イ 研究計画書が作成されるまでに既に存在する試料・情報
ロ 研究計画書の作成以降に取得された試料・情報であって、取得の時点においては当該研究計画書の研究に用いられることを目的としていなかったもの
(17) 個人情報 個人情報保護法第2条第1項に規定する個人情報をいう。
(18) 仮名加工情報 個人情報保護法第2条第5項に規定する仮名加工情報をいう。
(19) 匿名加工情報 個人情報保護法第2条第6項に規定する匿名加工情報をいう。
(20) 個人関連情報 個人情報保護法第2条第7項に規定する個人関連情報をいう。
(21) 個人情報等 個人情報、仮名加工情報、匿名加工情報及び個人関連情報をいう。
(ライフサイエンス委員会)
第4条 人を対象とする研究の倫理審査その他適正な実施に関する事項は、北陸先端科学技術大学院大学ライフサイエンス委員会(以下「委員会」という。)において審議するものとする。
(研究計画)
第5条 研究責任者は、人を対象とする研究を実施しようとするときは、人を対象とする研究計画書(別紙様式1)を学長に提出し、その承認を得なければならない。ただし、人を対象とする生命科学・医学系研究のうち、他の機関との共同によらずに単独で行う医学系研究(個人の健康に関する情報を用いた疫学的手法による研究及び質的研究を除く。次条において同じ。)及びヒトゲノム・遺伝子解析研究については、別に定めるところに基づき、実施するものとする。

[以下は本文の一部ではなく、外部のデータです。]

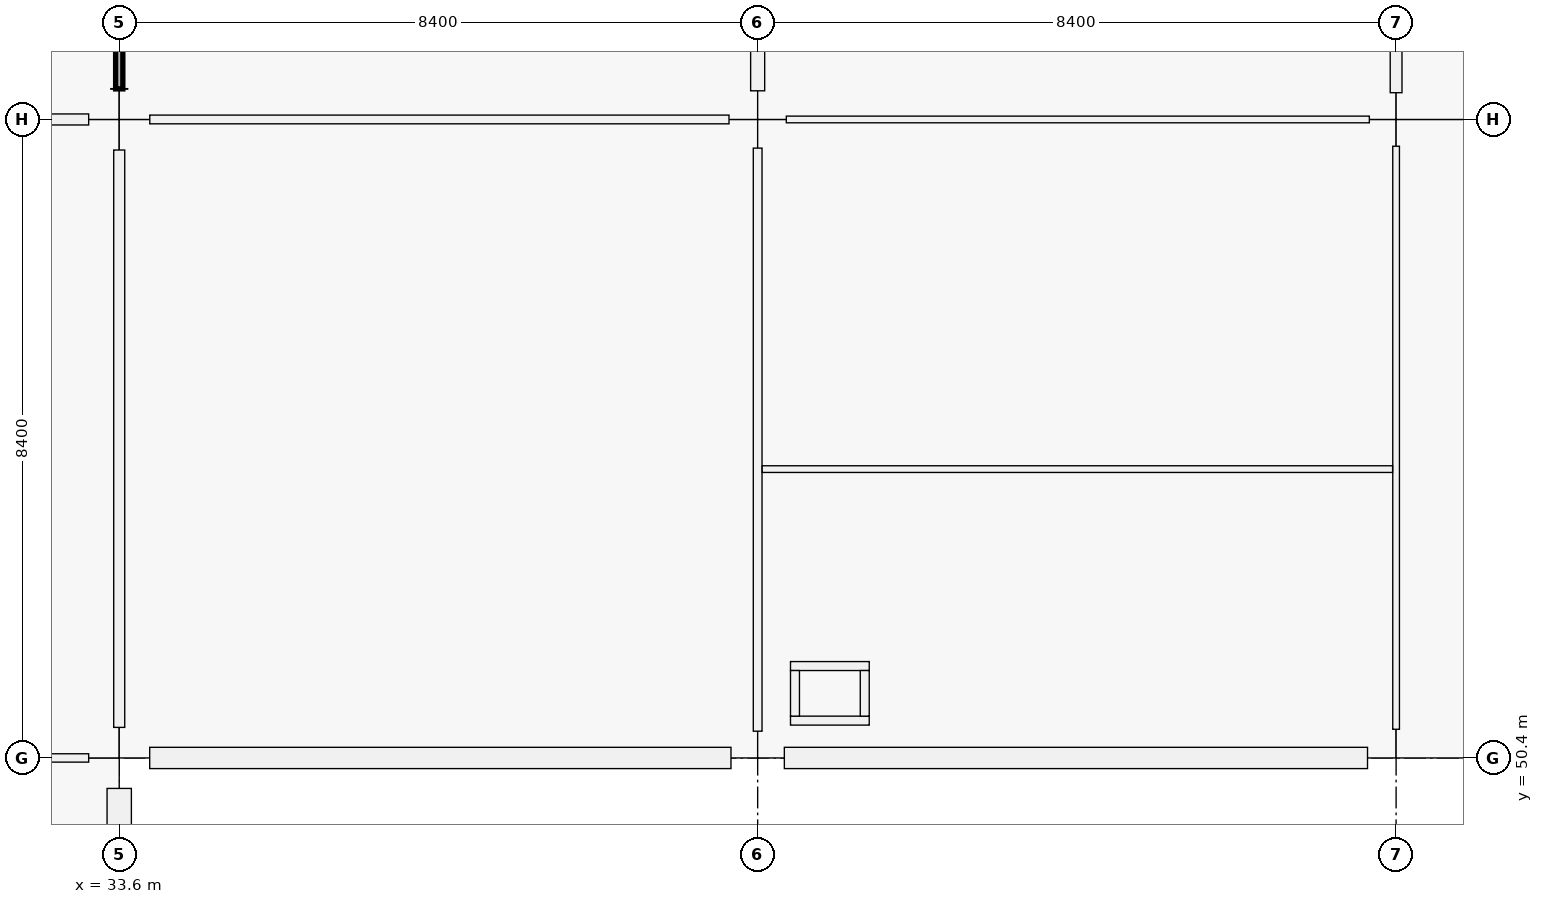
"""IFC4 building model, lengths in metres.
Left out: names, types, materials, properties, quantities, classifications, styles, units other than length and angle.
Written with IfcOpenShell. Run it as: python <this file> out.ifc"""

import sys

from ifc_helpers import new_model, si_unit, direction, frame, frame_2d, origin, origin_2d, place, context, subcontext, project, spatial, rectangle, extrude, element, fill, save


model = new_model("IFC4")
c1 = context("Model", 3, precision=1e-05, world=origin(), true_north=direction((0.0, 1.0)))
c2 = subcontext(c1, "Body", "Model", "MODEL_VIEW")
j1 = project(units=[si_unit("LENGTHUNIT", "METRE"), si_unit("PLANEANGLEUNIT", "RADIAN")], contexts=[c1])
p1 = place(None, origin())
s1 = spatial("IfcSite", under=j1, at=p1, CompositionType="ELEMENT")
p2 = place(p1, origin())
s2 = spatial("IfcBuilding", under=s1, at=p2, CompositionType="ELEMENT")
p3 = place(p2, frame((0.0, 0.0, 5.76)))
s3 = spatial("IfcBuildingStorey", under=s2, at=p3, CompositionType="ELEMENT", Elevation=5.76)
for number, where, z_axis, x_axis in (
    (1, (33.6, 50.4, 0.0), (0.0, 0.0, 1.0), (1.0, 0.0, 0.0)),
    (2, (33.6, 58.8, 0.0), (0.0, 0.0, 1.0), (1.0, 0.0, 0.0)),
):
    element("IfcColumn", number, at=place(p3, frame(where, z_axis=z_axis, x_axis=x_axis)), inside=s3, PredefinedType="COLUMN", context=c2, shape_type="SweptSolid", body=[
        extrude(rectangle(XDim=0.8, YDim=0.8, at=origin_2d()), origin(), (0.0, 0.0, 1.0), 4.5),
    ])
p4 = place(p3, frame((42.0, 50.4, 0.0), z_axis=(0.0, 0.0, 1.0), x_axis=(1.0, 0.0, 0.0)))
e3 = element("IfcColumn", 3, at=p4, inside=s3, PredefinedType="COLUMN", context=c2, shape_type="SweptSolid", body=[
    extrude(rectangle(XDim=0.7, YDim=0.7, at=origin_2d()), origin(), (0.0, 0.0, 1.0), 4.5),
])
for number, where, z_axis, x_axis in (
    (4, (42.0, 58.8, 0.0), (0.0, 0.0, 1.0), (1.0, 0.0, 0.0)),
    (5, (50.4, 50.4, 0.0), (0.0, 0.0, 1.0), (1.0, 0.0, 0.0)),
):
    element("IfcColumn", number, at=place(p3, frame(where, z_axis=z_axis, x_axis=x_axis)), inside=s3, PredefinedType="COLUMN", context=c2, shape_type="SweptSolid", body=[
        extrude(rectangle(XDim=0.75, YDim=0.75, at=origin_2d()), origin(), (0.0, 0.0, 1.0), 4.5),
    ])
p5 = place(p3, frame((50.4, 58.8, 0.0), z_axis=(0.0, 0.0, 1.0), x_axis=(1.0, 0.0, 0.0)))
e6 = element("IfcColumn", 6, at=p5, inside=s3, PredefinedType="COLUMN", context=c2, shape_type="SweptSolid", body=[
    extrude(rectangle(XDim=0.7, YDim=0.7, at=origin_2d()), origin(), (0.0, 0.0, 1.0), 4.5),
])
p6 = place(p3, frame((33.6, 49.999, 0.0), z_axis=(0.0, 0.0, 1.0), x_axis=(0.0, -1.0, 0.0)))
e7 = element("IfcWall", 7, at=p6, inside=s3, PredefinedType="SOLIDWALL", context=c2, shape_type="SweptSolid", body=[
    extrude(rectangle(XDim=7.598, YDim=0.32, at=frame_2d((3.799, 0.0))), origin(), (0.0, 0.0, 1.0), 3.4),
])
p7 = place(p6, frame((2.924, 0.0, 0.9)))
e8 = element("IfcOpeningElement", 8, at=p7, cuts=e7, PredefinedType="OPENING", context=c2, shape_type="SweptSolid", body=[
    extrude(rectangle(XDim=1.75, YDim=1.95, at=frame_2d((0.875, 0.975))), frame((0.0, 0.16, 0.0), z_axis=(0.0, -1.0, 0.0), x_axis=(1.0, 0.0, 0.0)), (0.0, 0.0, 1.0), 0.32),
])
p8 = place(p3, frame((41.649, 50.4, 0.0), z_axis=(0.0, 0.0, 1.0), x_axis=(-1.0, 0.0, 0.0)))
e9 = element("IfcWall", 9, at=p8, inside=s3, PredefinedType="SOLIDWALL", context=c2, shape_type="SweptSolid", body=[
    extrude(rectangle(XDim=7.648, YDim=0.28, at=frame_2d((3.824, 0.0))), origin(), (0.0, 0.0, 1.0), 3.4),
])
p9 = place(p3, frame((50.024, 50.4, 0.0), z_axis=(0.0, 0.0, 1.0), x_axis=(-1.0, 0.0, 0.0)))
e10 = element("IfcWall", 10, at=p9, inside=s3, PredefinedType="SOLIDWALL", context=c2, shape_type="SweptSolid", body=[
    extrude(rectangle(XDim=7.673, YDim=0.28, at=frame_2d((3.836, 0.0))), origin(), (0.0, 0.0, 1.0), 3.4),
])
p10 = place(p9, frame((2.462, 0.0, 0.9)))
e11 = element("IfcOpeningElement", 11, at=p10, cuts=e10, PredefinedType="OPENING", context=c2, shape_type="SweptSolid", body=[
    extrude(rectangle(XDim=2.75, YDim=1.6, at=frame_2d((1.375, 0.8))), frame((0.0, 0.14, 0.0), z_axis=(0.0, -1.0, 0.0), x_axis=(1.0, 0.0, 0.0)), (0.0, 0.0, 1.0), 0.28),
])
for number, where, z_axis, x_axis in (
    (12, (42.432, 50.891, 0.0), (0.0, 0.0, 1.0), (1.0, 0.0, 0.0)),
    (13, (42.432, 51.609, 0.0), (0.0, 0.0, 1.0), (1.0, 0.0, 0.0)),
):
    element("IfcWall", number, at=place(p3, frame(where, z_axis=z_axis, x_axis=x_axis)), inside=s3, PredefinedType="PARTITIONING", context=c2, shape_type="SweptSolid", body=[
        extrude(rectangle(XDim=1.036, YDim=0.118, at=frame_2d((0.518, 0.0))), origin(), (0.0, 0.0, 1.0), 3.48),
    ])
for number, where, z_axis, x_axis in (
    (14, (42.491, 50.95, 0.0), (0.0, 0.0, 1.0), (0.0, 1.0, 0.0)),
    (15, (43.409, 50.95, 0.0), (0.0, 0.0, 1.0), (0.0, 1.0, 0.0)),
):
    element("IfcWall", number, at=place(p3, frame(where, z_axis=z_axis, x_axis=x_axis)), inside=s3, PredefinedType="PARTITIONING", context=c2, shape_type="SweptSolid", body=[
        extrude(rectangle(XDim=0.6, YDim=0.118, at=frame_2d((0.3, 0.0))), origin(), (0.0, 0.0, 1.0), 3.48),
    ])
p11 = place(p3, frame((25.602, 50.4, 0.0), z_axis=(0.0, 0.0, 1.0), x_axis=(1.0, 0.0, 0.0)))
e16 = element("IfcWall", 16, at=p11, inside=s3, PredefinedType="MOVABLE", context=c2, shape_type="SweptSolid", body=[
    extrude(rectangle(XDim=7.596, YDim=0.11, at=frame_2d((3.798, 0.0))), origin(), (0.0, 0.0, 1.0), 2.4),
])
p12 = place(p11, frame((3.258, 0.0, 0.0)))
e17 = element("IfcOpeningElement", 17, at=p12, cuts=e16, PredefinedType="OPENING", context=c2, shape_type="SweptSolid", body=[
    extrude(rectangle(XDim=1.08, YDim=2.22, at=frame_2d((0.54, 1.11))), frame((0.0, 0.055, 0.0), z_axis=(0.0, -1.0, 0.0), x_axis=(1.0, 0.0, 0.0)), (0.0, 0.0, 1.0), 0.11),
])
p13 = place(p3, frame((25.602, 58.8, 0.0), z_axis=(0.0, 0.0, 1.0), x_axis=(1.0, 0.0, 0.0)))
e18 = element("IfcWall", 18, at=p13, inside=s3, PredefinedType="PARTITIONING", context=c2, shape_type="SweptSolid", body=[
    extrude(rectangle(XDim=7.596, YDim=0.145, at=frame_2d((3.798, 0.0))), origin(), (0.0, 0.0, 1.0), 2.4),
])
p14 = place(p13, frame((3.268, 0.0, 0.0)))
e19 = element("IfcOpeningElement", 19, at=p14, cuts=e18, PredefinedType="OPENING", context=c2, shape_type="SweptSolid", body=[
    extrude(rectangle(XDim=1.06, YDim=2.22, at=frame_2d((0.53, 1.11))), frame((0.0, 0.073, 0.0), z_axis=(0.0, -1.0, 0.0), x_axis=(1.0, 0.0, 0.0)), (0.0, 0.0, 1.0), 0.145),
])
p15 = place(p3, frame((34.002, 58.8, 0.0), z_axis=(0.0, 0.0, 1.0), x_axis=(1.0, 0.0, 0.0)))
e20 = element("IfcWall", 20, at=p15, inside=s3, PredefinedType="PARTITIONING", context=c2, shape_type="SweptSolid", body=[
    extrude(rectangle(XDim=7.621, YDim=0.115, at=frame_2d((3.811, 0.0))), origin(), (0.0, 0.0, 1.0), 2.4),
])
p16 = place(p15, frame((3.28, 0.0, 0.0)))
e21 = element("IfcOpeningElement", 21, at=p16, cuts=e20, PredefinedType="OPENING", context=c2, shape_type="SweptSolid", body=[
    extrude(rectangle(XDim=1.06, YDim=2.22, at=frame_2d((0.53, 1.11))), frame((0.0, 0.058, 0.0), z_axis=(0.0, -1.0, 0.0), x_axis=(1.0, 0.0, 0.0)), (0.0, 0.0, 1.0), 0.115),
])
p17 = place(p3, frame((42.377, 58.8, 0.0), z_axis=(0.0, 0.0, 1.0), x_axis=(1.0, 0.0, 0.0)))
e22 = element("IfcWall", 22, at=p17, inside=s3, PredefinedType="PARTITIONING", context=c2, shape_type="SweptSolid", body=[
    extrude(rectangle(XDim=7.671, YDim=0.088, at=frame_2d((3.835, 0.0))), origin(), (0.0, 0.0, 1.0), 2.4),
])
p18 = place(p3, frame((33.6, 50.802, 0.0), z_axis=(0.0, 0.0, 1.0), x_axis=(0.0, 1.0, 0.0)))
e23 = element("IfcWall", 23, at=p18, inside=s3, PredefinedType="PARTITIONING", context=c2, shape_type="SweptSolid", body=[
    extrude(rectangle(XDim=7.596, YDim=0.145, at=frame_2d((3.798, 0.0))), origin(), (0.0, 0.0, 1.0), 2.4),
])
p19 = place(p18, frame((3.318, 0.0, 0.0)))
e24 = element("IfcOpeningElement", 24, at=p19, cuts=e23, PredefinedType="OPENING", context=c2, shape_type="SweptSolid", body=[
    extrude(rectangle(XDim=0.96, YDim=2.18, at=frame_2d((0.48, 1.09))), frame((0.0, 0.073, 0.0), z_axis=(0.0, -1.0, 0.0), x_axis=(1.0, 0.0, 0.0)), (0.0, 0.0, 1.0), 0.145),
])
p20 = place(p3, frame((33.6, 59.202, 0.0), z_axis=(0.0, 0.0, 1.0), x_axis=(0.0, 1.0, 0.0)))
e25 = element("IfcWall", 25, at=p20, inside=s3, PredefinedType="PARTITIONING", context=c2, shape_type="SweptSolid", body=[
    extrude(rectangle(XDim=7.596, YDim=0.095, at=frame_2d((3.798, 0.0))), origin(), (0.0, 0.0, 1.0), 2.4),
])
p21 = place(p20, frame((3.308, 0.0, 0.0)))
e26 = element("IfcOpeningElement", 26, at=p21, cuts=e25, PredefinedType="OPENING", context=c2, shape_type="SweptSolid", body=[
    extrude(rectangle(XDim=0.98, YDim=2.18, at=frame_2d((0.49, 1.09))), frame((0.0, 0.047, 0.0), z_axis=(0.0, -1.0, 0.0), x_axis=(1.0, 0.0, 0.0)), (0.0, 0.0, 1.0), 0.095),
])
p22 = place(p3, frame((42.0, 50.752, 0.0), z_axis=(0.0, 0.0, 1.0), x_axis=(0.0, 1.0, 0.0)))
e27 = element("IfcWall", 27, at=p22, inside=s3, PredefinedType="PARTITIONING", context=c2, shape_type="SweptSolid", body=[
    extrude(rectangle(XDim=7.671, YDim=0.115, at=frame_2d((3.835, 0.0))), origin(), (0.0, 0.0, 1.0), 2.4),
])
p23 = place(p3, frame((42.0, 59.177, 0.0), z_axis=(0.0, 0.0, 1.0), x_axis=(0.0, 1.0, 0.0)))
e28 = element("IfcWall", 28, at=p23, inside=s3, PredefinedType="PARTITIONING", context=c2, shape_type="SweptSolid", body=[
    extrude(rectangle(XDim=7.621, YDim=0.185, at=frame_2d((3.811, 0.0))), origin(), (0.0, 0.0, 1.0), 2.4),
])
p24 = place(p3, frame((50.4, 50.777, 0.0), z_axis=(0.0, 0.0, 1.0), x_axis=(0.0, 1.0, 0.0)))
e29 = element("IfcWall", 29, at=p24, inside=s3, PredefinedType="PARTITIONING", context=c2, shape_type="SweptSolid", body=[
    extrude(rectangle(XDim=7.671, YDim=0.088, at=frame_2d((3.835, 0.0))), origin(), (0.0, 0.0, 1.0), 2.4),
])
p25 = place(p24, frame((1.193, 0.0, 0.0)))
e30 = element("IfcOpeningElement", 30, at=p25, cuts=e29, PredefinedType="OPENING", context=c2, shape_type="SweptSolid", body=[
    extrude(rectangle(XDim=0.94, YDim=2.15, at=frame_2d((0.47, 1.075))), frame((0.0, 0.044, 0.0), z_axis=(0.0, -1.0, 0.0), x_axis=(1.0, 0.0, 0.0)), (0.0, 0.0, 1.0), 0.088),
])
p26 = place(p24, frame((5.123, 0.0, 0.0)))
e31 = element("IfcOpeningElement", 31, at=p26, cuts=e29, PredefinedType="OPENING", context=c2, shape_type="SweptSolid", body=[
    extrude(rectangle(XDim=0.92, YDim=2.15, at=frame_2d((0.46, 1.075))), frame((0.0, 0.044, 0.0), z_axis=(0.0, -1.0, 0.0), x_axis=(1.0, 0.0, 0.0)), (0.0, 0.0, 1.0), 0.088),
])
p27 = place(p3, frame((50.4, 59.152, 0.0), z_axis=(0.0, 0.0, 1.0), x_axis=(0.0, 1.0, 0.0)))
e32 = element("IfcWall", 32, at=p27, inside=s3, PredefinedType="PARTITIONING", context=c2, shape_type="SweptSolid", body=[
    extrude(rectangle(XDim=7.646, YDim=0.155, at=frame_2d((3.823, 0.0))), origin(), (0.0, 0.0, 1.0), 2.4),
])
p28 = place(p27, frame((1.163, 0.0, 0.0)))
e33 = element("IfcOpeningElement", 33, at=p28, cuts=e32, PredefinedType="OPENING", context=c2, shape_type="SweptSolid", body=[
    extrude(rectangle(XDim=1.05, YDim=2.12, at=frame_2d((0.525, 1.06))), frame((0.0, 0.078, 0.0), z_axis=(0.0, -1.0, 0.0), x_axis=(1.0, 0.0, 0.0)), (0.0, 0.0, 1.0), 0.155),
])
p29 = place(p27, frame((5.103, 0.0, 0.0)))
e34 = element("IfcOpeningElement", 34, at=p29, cuts=e32, PredefinedType="OPENING", context=c2, shape_type="SweptSolid", body=[
    extrude(rectangle(XDim=1.01, YDim=2.12, at=frame_2d((0.505, 1.06))), frame((0.0, 0.078, 0.0), z_axis=(0.0, -1.0, 0.0), x_axis=(1.0, 0.0, 0.0)), (0.0, 0.0, 1.0), 0.155),
])
p30 = place(p3, frame((42.06, 54.2, 0.0), z_axis=(0.0, 0.0, 1.0), x_axis=(1.0, 0.0, 0.0)))
e35 = element("IfcWall", 35, at=p30, inside=s3, PredefinedType="PARTITIONING", context=c2, shape_type="SweptSolid", body=[
    extrude(rectangle(XDim=8.294, YDim=0.088, at=frame_2d((4.147, 0.0))), origin(), (0.0, 0.0, 1.0), 2.4),
])
p31 = place(p10, origin())
e36 = element("IfcWindow", 36, at=p31, inside=s3, PartitioningType="SINGLE_PANEL", PredefinedType="WINDOW", context=c2, shape_type="SweptSolid", body=[
    extrude(rectangle(XDim=2.75, YDim=1.6, at=frame_2d((1.375, 0.8))), frame((0.0, 0.03, 0.0), z_axis=(0.0, -1.0, 0.0), x_axis=(1.0, 0.0, 0.0)), (0.0, 0.0, 1.0), 0.06),
])
fill(e11, e36)
p32 = place(p25, origin())
e37 = element("IfcDoor", 37, at=p32, inside=s3, OperationType="SINGLE_SWING_RIGHT", PredefinedType="DOOR", context=c2, shape_type="SweptSolid", body=[
    extrude(rectangle(XDim=0.94, YDim=2.15, at=frame_2d((0.47, 1.075))), frame((0.0, 0.025, 0.0), z_axis=(0.0, -1.0, 0.0), x_axis=(1.0, 0.0, 0.0)), (0.0, 0.0, 1.0), 0.05),
])
fill(e30, e37)
p33 = place(p26, origin())
e38 = element("IfcDoor", 38, at=p33, inside=s3, OperationType="SINGLE_SWING_LEFT", PredefinedType="DOOR", context=c2, shape_type="SweptSolid", body=[
    extrude(rectangle(XDim=0.92, YDim=2.15, at=frame_2d((0.46, 1.075))), frame((0.0, 0.025, 0.0), z_axis=(0.0, -1.0, 0.0), x_axis=(1.0, 0.0, 0.0)), (0.0, 0.0, 1.0), 0.05),
])
fill(e31, e38)
p34 = place(p16, origin())
e39 = element("IfcDoor", 39, at=p34, inside=s3, OperationType="SINGLE_SWING_LEFT", PredefinedType="DOOR", context=c2, shape_type="SweptSolid", body=[
    extrude(rectangle(XDim=1.06, YDim=2.22, at=frame_2d((0.53, 1.11))), frame((0.0, 0.025, 0.0), z_axis=(0.0, -1.0, 0.0), x_axis=(1.0, 0.0, 0.0)), (0.0, 0.0, 1.0), 0.05),
])
fill(e21, e39)
p35 = place(p19, origin())
e40 = element("IfcDoor", 40, at=p35, inside=s3, OperationType="SINGLE_SWING_RIGHT", PredefinedType="DOOR", context=c2, shape_type="SweptSolid", body=[
    extrude(rectangle(XDim=0.96, YDim=2.18, at=frame_2d((0.48, 1.09))), frame((0.0, 0.025, 0.0), z_axis=(0.0, -1.0, 0.0), x_axis=(1.0, 0.0, 0.0)), (0.0, 0.0, 1.0), 0.05),
])
fill(e24, e40)
save(model, sys.argv[1])

2 研究責任者は、前項によって承認を受けた研究計画を変更しようとするときは、人を対象とする研究計画変更申請書(別紙様式2)を学長に提出し、その承認を得なければならない。
3 学長は、前2項の申請があったときは、当該研究計画の倫理審査並びに関係告示等及び学内規則等との適合性その他必要な事項について委員会に諮問し、その審査結果を尊重して実施の可否の判定を行うものとする。
4 学長は、前項の判定を行ったときは、速やかにその旨を研究責任者に通知するものとする。
(多機関共同研究)
第6条 多機関共同研究を実施しようとする場合は、各共同研究機関の研究責任者の役割及び責任を明確にした上で一の研究計画書を作成し、原則として、研究代表者の所属機関に設置された倫理審査委員会において当該研究の承認を受けなければならない。ただし、実施しようとする研究が医学系研究又はヒトゲノム・遺伝子解析研究の場合は、本学以外の共同研究機関に設置された倫理審査委員会において承認を受けなければならない。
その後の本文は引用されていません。